Note: Duplicate metric identifiers are not currently detected at build time. See bug 1578383 for progress on that. However, the probe_scraper process, which runs nightly, will detect duplicate metrics and e-mail the notification_emails associated with the given metrics.

Be as specific as possible

More broadly, you should choose the names of metrics to be as specific as possible. It is not necessary to put the type of the metric in the category or name, since this information is retained in other ways through the entire end-to-end system.

For example, if defining a set of events related to search, put them in a category called search, rather than just events or search_events. The events word here would be redundant.

What if none of these metric types is the right fit?

The current set of metrics the Glean SDK supports is based on known common use cases, but new use cases are discovered all the time.

Please reach out to us on #glean:mozilla.org. If you think you need a new metric type, we have a process for that.

How do I make sure my metric is working?

The Glean SDK has rich support for writing unit tests involving metrics. Writing a good unit test is a large topic, but in general, you should write unit tests for all new telemetry that does the following:

  • Performs the operation being measured.

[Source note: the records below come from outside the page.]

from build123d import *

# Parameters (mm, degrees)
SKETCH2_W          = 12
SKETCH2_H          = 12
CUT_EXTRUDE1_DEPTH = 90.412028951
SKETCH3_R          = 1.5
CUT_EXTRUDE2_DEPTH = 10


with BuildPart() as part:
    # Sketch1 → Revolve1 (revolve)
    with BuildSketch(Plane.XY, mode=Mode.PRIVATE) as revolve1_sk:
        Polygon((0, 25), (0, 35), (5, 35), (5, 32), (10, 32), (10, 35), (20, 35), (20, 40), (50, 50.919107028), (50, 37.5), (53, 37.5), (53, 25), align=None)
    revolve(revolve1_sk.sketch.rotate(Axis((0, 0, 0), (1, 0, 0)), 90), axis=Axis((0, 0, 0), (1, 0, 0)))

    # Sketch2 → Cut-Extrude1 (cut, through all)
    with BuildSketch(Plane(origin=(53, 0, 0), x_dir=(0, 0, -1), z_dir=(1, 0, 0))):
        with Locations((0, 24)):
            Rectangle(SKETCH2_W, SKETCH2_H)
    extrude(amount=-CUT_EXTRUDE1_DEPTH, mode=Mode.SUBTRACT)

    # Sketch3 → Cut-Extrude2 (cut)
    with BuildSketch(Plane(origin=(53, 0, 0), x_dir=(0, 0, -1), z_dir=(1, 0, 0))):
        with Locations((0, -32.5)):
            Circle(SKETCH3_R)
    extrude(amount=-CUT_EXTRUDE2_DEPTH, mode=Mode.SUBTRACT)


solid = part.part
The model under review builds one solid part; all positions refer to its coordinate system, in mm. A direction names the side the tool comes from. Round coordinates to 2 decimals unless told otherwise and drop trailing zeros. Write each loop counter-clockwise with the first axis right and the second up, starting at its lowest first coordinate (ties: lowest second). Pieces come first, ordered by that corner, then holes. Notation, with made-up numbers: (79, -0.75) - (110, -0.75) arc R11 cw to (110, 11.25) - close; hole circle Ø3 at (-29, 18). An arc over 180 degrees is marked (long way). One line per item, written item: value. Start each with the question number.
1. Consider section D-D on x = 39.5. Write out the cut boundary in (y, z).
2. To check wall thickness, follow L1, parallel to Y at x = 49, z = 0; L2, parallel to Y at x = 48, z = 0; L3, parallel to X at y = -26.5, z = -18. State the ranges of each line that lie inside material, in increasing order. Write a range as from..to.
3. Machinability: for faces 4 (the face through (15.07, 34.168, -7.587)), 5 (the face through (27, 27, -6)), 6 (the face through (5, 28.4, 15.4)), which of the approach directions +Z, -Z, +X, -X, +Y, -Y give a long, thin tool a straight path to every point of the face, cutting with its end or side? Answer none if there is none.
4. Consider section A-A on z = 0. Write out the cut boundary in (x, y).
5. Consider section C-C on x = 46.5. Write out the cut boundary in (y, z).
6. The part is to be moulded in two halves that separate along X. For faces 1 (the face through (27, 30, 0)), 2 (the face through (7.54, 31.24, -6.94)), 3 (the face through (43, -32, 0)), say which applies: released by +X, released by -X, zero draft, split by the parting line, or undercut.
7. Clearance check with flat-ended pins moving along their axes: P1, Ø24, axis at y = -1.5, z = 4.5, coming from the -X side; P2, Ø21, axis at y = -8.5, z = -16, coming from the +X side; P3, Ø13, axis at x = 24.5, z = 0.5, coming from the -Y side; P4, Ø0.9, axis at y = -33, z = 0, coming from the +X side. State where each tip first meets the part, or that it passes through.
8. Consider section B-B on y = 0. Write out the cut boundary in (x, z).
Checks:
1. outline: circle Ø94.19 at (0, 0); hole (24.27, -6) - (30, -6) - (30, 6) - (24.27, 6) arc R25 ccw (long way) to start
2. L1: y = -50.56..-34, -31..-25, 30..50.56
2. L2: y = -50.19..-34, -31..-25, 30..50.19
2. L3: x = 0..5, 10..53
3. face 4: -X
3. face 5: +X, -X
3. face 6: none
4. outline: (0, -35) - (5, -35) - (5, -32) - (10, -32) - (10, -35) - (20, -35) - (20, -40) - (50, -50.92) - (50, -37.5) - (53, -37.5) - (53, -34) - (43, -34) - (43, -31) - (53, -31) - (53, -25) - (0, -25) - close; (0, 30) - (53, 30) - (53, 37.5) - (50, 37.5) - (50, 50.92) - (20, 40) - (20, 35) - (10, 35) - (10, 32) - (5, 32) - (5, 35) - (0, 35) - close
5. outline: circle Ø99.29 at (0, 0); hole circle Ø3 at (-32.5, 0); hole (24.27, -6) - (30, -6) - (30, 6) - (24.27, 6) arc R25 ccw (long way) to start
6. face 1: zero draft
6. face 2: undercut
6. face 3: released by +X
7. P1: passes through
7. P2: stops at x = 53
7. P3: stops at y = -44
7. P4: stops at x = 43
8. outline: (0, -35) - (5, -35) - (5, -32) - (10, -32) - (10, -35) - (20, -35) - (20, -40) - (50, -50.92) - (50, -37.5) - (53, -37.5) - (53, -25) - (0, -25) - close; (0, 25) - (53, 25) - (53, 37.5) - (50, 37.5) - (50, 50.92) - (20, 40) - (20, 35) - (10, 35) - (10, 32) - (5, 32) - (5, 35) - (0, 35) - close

  • Asserts that metrics contain the expected data, using the testGetValue API on the metric.

  • Where applicable, asserts that no errors are recorded, such as when values are out of range, using the testGetNumRecordedErrors API.

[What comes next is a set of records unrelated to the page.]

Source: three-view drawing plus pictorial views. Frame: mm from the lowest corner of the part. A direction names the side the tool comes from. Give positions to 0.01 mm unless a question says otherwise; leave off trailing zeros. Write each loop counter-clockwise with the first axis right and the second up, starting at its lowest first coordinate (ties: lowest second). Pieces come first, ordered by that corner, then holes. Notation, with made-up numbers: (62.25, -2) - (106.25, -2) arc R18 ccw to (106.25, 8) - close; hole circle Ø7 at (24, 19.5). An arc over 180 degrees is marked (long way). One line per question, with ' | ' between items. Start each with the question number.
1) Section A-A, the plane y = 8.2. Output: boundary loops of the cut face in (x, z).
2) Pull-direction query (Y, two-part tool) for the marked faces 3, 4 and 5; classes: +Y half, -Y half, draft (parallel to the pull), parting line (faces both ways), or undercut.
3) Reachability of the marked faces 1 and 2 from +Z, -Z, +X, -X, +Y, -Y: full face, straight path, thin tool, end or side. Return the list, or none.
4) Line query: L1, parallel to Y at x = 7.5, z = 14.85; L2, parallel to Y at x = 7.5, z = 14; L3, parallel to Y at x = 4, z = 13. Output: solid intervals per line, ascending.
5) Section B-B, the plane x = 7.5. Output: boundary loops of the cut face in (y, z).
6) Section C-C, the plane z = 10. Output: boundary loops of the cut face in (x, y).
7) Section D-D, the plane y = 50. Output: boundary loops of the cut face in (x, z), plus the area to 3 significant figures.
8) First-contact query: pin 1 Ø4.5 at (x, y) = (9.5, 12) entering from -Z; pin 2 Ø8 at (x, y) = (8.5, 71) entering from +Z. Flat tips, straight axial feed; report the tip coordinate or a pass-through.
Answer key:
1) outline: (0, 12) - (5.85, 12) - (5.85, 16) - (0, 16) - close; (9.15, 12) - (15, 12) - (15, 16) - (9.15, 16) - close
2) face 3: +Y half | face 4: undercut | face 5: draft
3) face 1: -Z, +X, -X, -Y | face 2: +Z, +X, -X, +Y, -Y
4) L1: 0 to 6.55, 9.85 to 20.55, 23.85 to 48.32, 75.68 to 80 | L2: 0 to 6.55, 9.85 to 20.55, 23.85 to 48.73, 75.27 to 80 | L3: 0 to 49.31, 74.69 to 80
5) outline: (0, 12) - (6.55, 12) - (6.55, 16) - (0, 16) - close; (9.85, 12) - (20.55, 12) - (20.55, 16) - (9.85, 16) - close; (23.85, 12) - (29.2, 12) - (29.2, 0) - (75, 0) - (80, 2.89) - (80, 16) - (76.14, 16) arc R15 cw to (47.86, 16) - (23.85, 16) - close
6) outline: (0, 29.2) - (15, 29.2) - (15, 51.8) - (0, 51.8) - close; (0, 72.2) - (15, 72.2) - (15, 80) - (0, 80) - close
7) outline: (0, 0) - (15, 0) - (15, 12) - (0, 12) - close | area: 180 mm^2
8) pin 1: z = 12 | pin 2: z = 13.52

In addition to unit tests, it is good practice to validate the incoming data for the new metric on a pre-release channel to make sure things are working as expected.

Adding the metric to the metrics.yaml file

The metrics.yaml file defines the metrics your application or library will send. They are organized into categories. The overall organization is:

# Required to indicate this is a `metrics.yaml` file
$schema: moz://mozilla.org/schemas/glean/metrics/1-0-0

toolbar:
  click:
    type: event
    description: |
      Event to record toolbar clicks.
    notification_emails:
      - CHANGE-ME@example.com
    bugs:
      - https://bugzilla.mozilla.org/123456789/
    data_reviews:
      - http://example.com/path/to/data-review
    expires: 2019-06-01  # <-- Update to a date in the future

  double_click:
    ...

category2.subcategory:  # Categories can contain subcategories using `.`
  metric:
    ...

The details of the metric parameters are described in metric parameters.

The metrics.yaml file is used to generate code in the target language (e.g. Kotlin, Swift, ...) that becomes the public API to access your application's metrics.

Using the metric from your code

The reference documentation for each metric type goes into detail about using each metric type from your code.

One thing to note is that we try to adhere to the coding conventions of each language wherever possible, to the metric name in the metrics.yaml (which is in snake_case) may be changed to some other case convention, such as camelCase, when used from code.

Category and metric names in the metrics.yaml are in snake_case, but given the Kotlin coding standards defined by ktlint, these identifiers must be camelCase in Kotlin. For example, the metric defined in the metrics.yaml as:

views:
  login_opened:
    ...

is accessible in Kotlin as:

import org.mozilla.yourApplication.GleanMetrics.Views
GleanMetrics.Views.loginOpened...

Category and metric names in the metrics.yaml are in snake_case, but given the Swift coding standards defined by swiftlint, these identifiers must be camelCase in Swift. For example, the metric defined in the metrics.yaml as:

views:
  login_opened:
    ...

is accessible in Kotlin as:

GleanMetrics.Views.loginOpened...

Category and metric names in the metrics.yaml are in snake_case, which matches the PEP8 standard, so no translation is needed for Python.

TODO. To be implemented in this bug.